Speaking to AsiaNews, the spokesman for the Egyptian Catholic Church explained the reasons why the Catholic and Coptic Orthodox Churches backed the change in the country's leadership after three days of mass demonstrations against Islamist President Mohamed Morsi and the Muslim Brotherhood establishment.

The clergyman criticised Western newspapers for attributing events to an unspecified "opposition" and for describing as a coup the decision by the Supreme Council of the Armed Forces (SCAF) led by General al-Sisi to suspend the Constitution and oust President Morsi.

For Fr Greiche, "the army is non-political. It is simply managing talks between the parties. The new interim president Adli Mansour, chief justice of Egypt's Supreme Constitutional Court, is a technocrat. He promised that his temporary government would be a coalition open to all parties and components of Egyptian society."

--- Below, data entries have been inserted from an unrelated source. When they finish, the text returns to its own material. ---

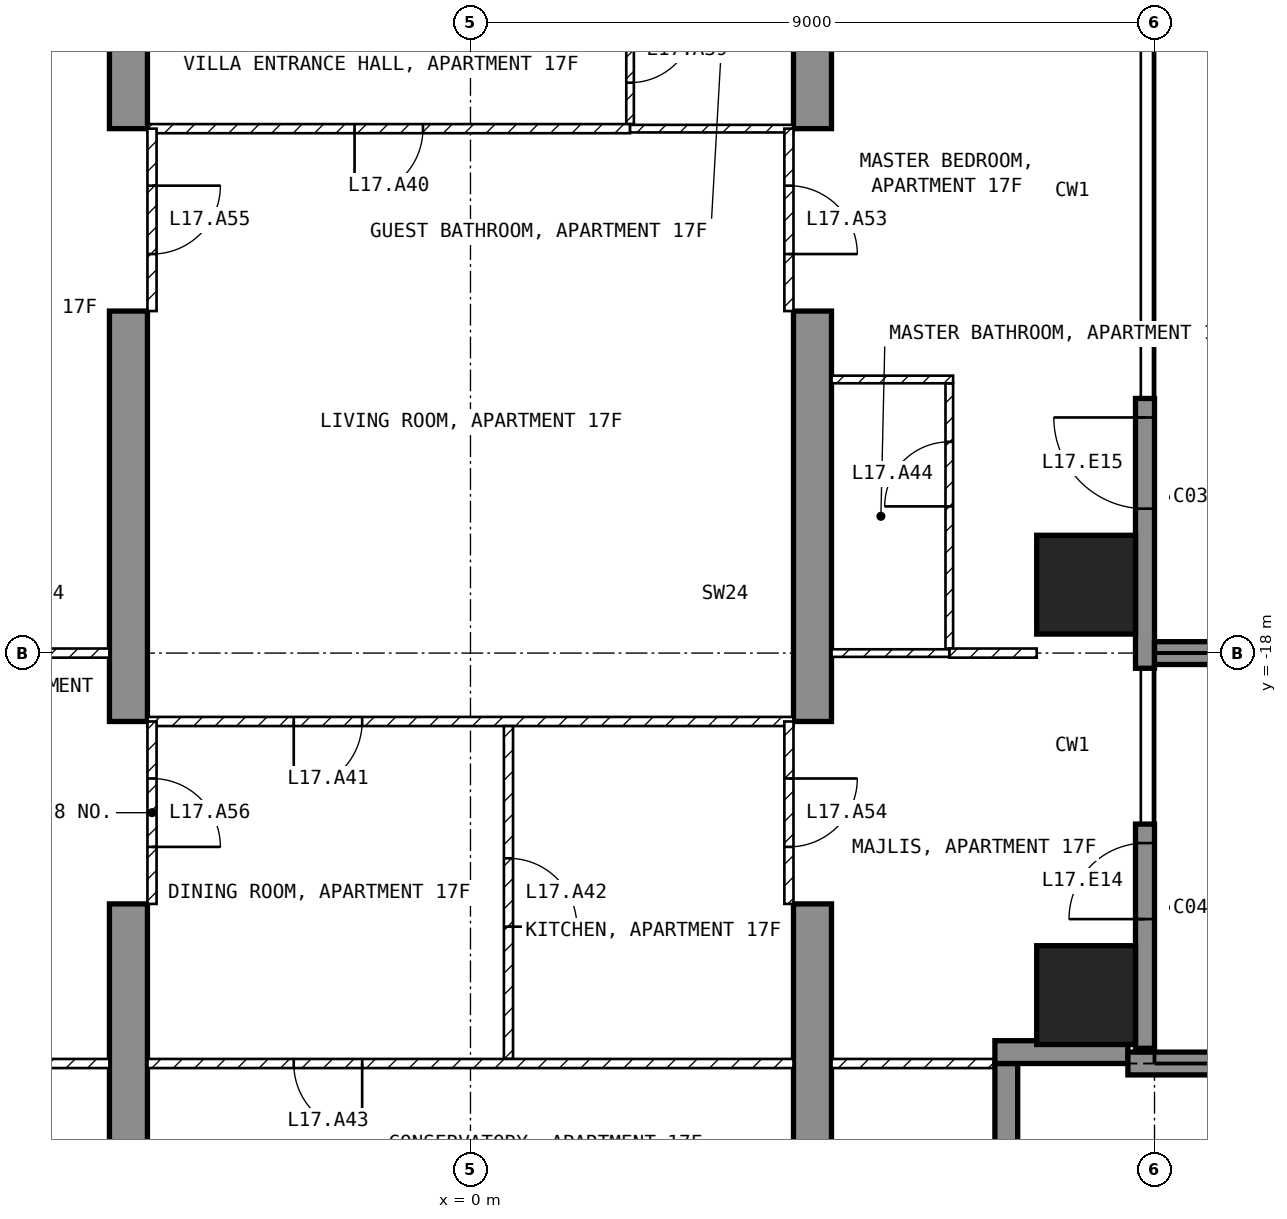
"""IFC4 building model, lengths in metres.
Left out: names, types, materials, properties, quantities, classifications, styles, units other than length and angle.
Written with IfcOpenShell. Run it as: python <this file> out.ifc"""

import sys

from ifc_helpers import new_model, si_unit, direction, frame, frame_2d, origin, origin_2d, place, context, subcontext, project, spatial, polyline, rectangle, outline, extrude, element, fill, save


model = new_model("IFC4")
c1 = context("Model", 3, precision=1e-05, world=origin(), true_north=direction((0.0, 1.0)))
c2 = subcontext(c1, "Body", "Model", "MODEL_VIEW")
j1 = project(units=[si_unit("LENGTHUNIT", "METRE"), si_unit("PLANEANGLEUNIT", "RADIAN")], contexts=[c1])
p1 = place(None, origin())
s1 = spatial("IfcSite", under=j1, at=p1, CompositionType="ELEMENT")
p2 = place(p1, origin())
s2 = spatial("IfcBuilding", under=s1, at=p2, CompositionType="ELEMENT")
p3 = place(p2, frame((0.0, 0.0, 78.5)))
s3 = spatial("IfcBuildingStorey", under=s2, at=p3, CompositionType="ELEMENT", Elevation=78.5)
for number, where, z_axis, x_axis in (
    (1, (8.1, -22.5, -0.25), (0.0, 0.0, 1.0), (1.0, 0.0, 0.0)),
    (2, (8.1, -17.1, -0.25), (0.0, 0.0, 1.0), (1.0, 0.0, 0.0)),
):
    element("IfcColumn", number, at=place(p3, frame(where, z_axis=z_axis, x_axis=x_axis)), inside=s3, PredefinedType="COLUMN", context=c2, shape_type="SweptSolid", body=[
        extrude(rectangle(XDim=1.3, YDim=1.3, at=origin_2d()), origin(), (0.0, 0.0, 1.0), 3.5),
    ])
for number, where, z_axis, x_axis in (
    (3, (-4.75, -25.45, -0.25), (1.0, 0.0, 0.0), (0.0, 1.0, 0.0)),
    (4, (4.25, -25.45, -0.25), (1.0, 0.0, 0.0), (0.0, 1.0, 0.0)),
):
    element("IfcWall", number, at=place(p3, frame(where, z_axis=z_axis, x_axis=x_axis)), inside=s3, PredefinedType="SHEAR", context=c2, shape_type="SweptSolid", body=[
        extrude(outline(polyline([(0.0, 0.0), (4.15, 0.0), (4.15, 2.65), (6.55, 2.65), (6.55, 0.0), (11.95, 0.0), (11.95, 2.65), (14.35, 2.65), (14.35, 0.0), (16.45, 0.0), (16.45, 3.5), (0.0, 3.5), (0.0, 0.0)])), origin(), (0.0, 0.0, 1.0), 0.5),
    ])
p4 = place(p3, frame((8.875, -23.2, 0.0), z_axis=(0.0, 0.0, 1.0), x_axis=(0.0, 1.0, 0.0)))
e5 = element("IfcWall", 5, at=p4, inside=s3, PredefinedType="SOLIDWALL", context=c2, shape_type="SweptSolid", body=[
    extrude(rectangle(XDim=2.95, YDim=0.25, at=frame_2d((1.475, 0.0))), origin(), (0.0, 0.0, 1.0), 3.25),
])
p5 = place(p4, frame((1.7, 0.0, 0.0)))
e6 = element("IfcOpeningElement", 6, at=p5, cuts=e5, PredefinedType="OPENING", context=c2, shape_type="SweptSolid", body=[
    extrude(rectangle(XDim=1.0, YDim=2.4, at=frame_2d((0.5, 1.2))), frame((0.0, 0.135, 0.0), z_axis=(0.0, -1.0, 0.0), x_axis=(1.0, 0.0, 0.0)), (0.0, 0.0, 1.0), 0.27),
])
p6 = place(p3, frame((8.875, -18.2, 0.0), z_axis=(0.0, 0.0, 1.0), x_axis=(0.0, 1.0, 0.0)))
e7 = element("IfcWall", 7, at=p6, inside=s3, PredefinedType="SOLIDWALL", context=c2, shape_type="SweptSolid", body=[
    extrude(rectangle(XDim=3.55, YDim=0.25, at=frame_2d((1.775, 0.0))), origin(), (0.0, 0.0, 1.0), 3.25),
])
p7 = place(p6, frame((2.1, 0.0, 0.0)))
e8 = element("IfcOpeningElement", 8, at=p7, cuts=e7, PredefinedType="OPENING", context=c2, shape_type="SweptSolid", body=[
    extrude(rectangle(XDim=1.2, YDim=2.4, at=frame_2d((0.6, 1.2))), frame((0.0, 0.135, 0.0), z_axis=(0.0, -1.0, 0.0), x_axis=(1.0, 0.0, 0.0)), (0.0, 0.0, 1.0), 0.27),
])
p8 = place(p3, frame((7.05, -25.2, 0.0), z_axis=(0.0, 0.0, 1.0), x_axis=(0.0, 1.0, 0.0)))
e9 = element("IfcWall", 9, at=p8, inside=s3, PredefinedType="SOLIDWALL", context=c2, shape_type="SweptSolid", body=[
    extrude(rectangle(XDim=1.8, YDim=0.3, at=frame_2d((0.9, 0.0))), origin(), (0.0, 0.0, 1.0), 3.25),
])
p9 = place(p3, frame((6.9, -23.25, 0.0), z_axis=(0.0, 0.0, 1.0), x_axis=(1.0, 0.0, 0.0)))
e10 = element("IfcWall", 10, at=p9, inside=s3, PredefinedType="SOLIDWALL", context=c2, shape_type="SweptSolid", body=[
    extrude(rectangle(XDim=1.75, YDim=0.3, at=frame_2d((0.875, 0.0))), origin(), (0.0, 0.0, 1.0), 3.25),
])
p10 = place(p3, frame((8.65, -23.4, 0.0), z_axis=(0.0, 0.0, 1.0), x_axis=(1.0, 0.0, 0.0)))
e11 = element("IfcWall", 11, at=p10, inside=s3, PredefinedType="SOLIDWALL", context=c2, shape_type="SweptSolid", body=[
    extrude(rectangle(XDim=3.05, YDim=0.3, at=frame_2d((1.525, 0.0))), origin(), (0.0, 0.0, 1.0), 3.25),
])
p11 = place(p3, frame((9.0, -18.0, 0.0), z_axis=(0.0, 0.0, 1.0), x_axis=(1.0, 0.0, 0.0)))
e12 = element("IfcWall", 12, at=p11, inside=s3, PredefinedType="SOLIDWALL", context=c2, shape_type="SweptSolid", body=[
    extrude(rectangle(XDim=2.7, YDim=0.3, at=frame_2d((1.35, 0.0))), origin(), (0.0, 0.0, 1.0), 3.25),
])
p12 = place(p3, frame((2.1, -9.1, 0.0), z_axis=(0.0, 0.0, 1.0), x_axis=(0.0, -1.0, 0.0)))
e13 = element("IfcWall", 13, at=p12, inside=s3, PredefinedType="PARTITIONING", context=c2, shape_type="SweptSolid", body=[
    extrude(rectangle(XDim=1.94, YDim=0.1, at=frame_2d((0.97, 0.0))), origin(), (0.0, 0.0, 1.0), 3.25),
])
p13 = place(p12, frame((0.545, 0.0, 0.0)))
e14 = element("IfcOpeningElement", 14, at=p13, cuts=e13, PredefinedType="OPENING", context=c2, shape_type="SweptSolid", body=[
    extrude(rectangle(XDim=0.85, YDim=2.1, at=frame_2d((0.425, 1.05))), frame((0.0, 0.06, 0.0), z_axis=(0.0, -1.0, 0.0), x_axis=(1.0, 0.0, 0.0)), (0.0, 0.0, 1.0), 0.12),
])
p14 = place(p3, frame((2.1, -11.1, 0.0), z_axis=(0.0, 0.0, 1.0), x_axis=(-1.0, 0.0, 0.0)))
e15 = element("IfcWall", 15, at=p14, inside=s3, PredefinedType="PARTITIONING", context=c2, shape_type="SweptSolid", body=[
    extrude(rectangle(XDim=6.35, YDim=0.12, at=frame_2d((3.175, 0.0))), origin(), (0.0, 0.0, 1.0), 3.25),
])
p15 = place(p14, frame((2.725, 0.0, 0.0)))
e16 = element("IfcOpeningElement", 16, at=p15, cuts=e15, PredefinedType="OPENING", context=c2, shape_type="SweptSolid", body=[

Today, police arrested 300 Muslim Brotherhood leaders, including the group's spiritual leader Mohamed Badie, its treasurer Khairat al-Shater, and five others, for inciting their followers to kill opponents of Mohamed Morsi.

The call for jihad against anti-Islamist protesters has left several people dead in Giza (Cairo), where unknown gunmen fired on a crowd, seriously injuring a police officer. A Catholic church was also attacked in Minya Governorate (Upper Egypt).

Fr Greiche said that to avoid a "witch-hunt against the Islamists," the new president, the imam of al-Azhar and the Coptic Orthodox Patriarch Tawadros II "called on the parties to welcome and accept the Muslim Brotherhood, especially young people who in recent years have been subjected to actual brainwashing by their leaders." (S.C.)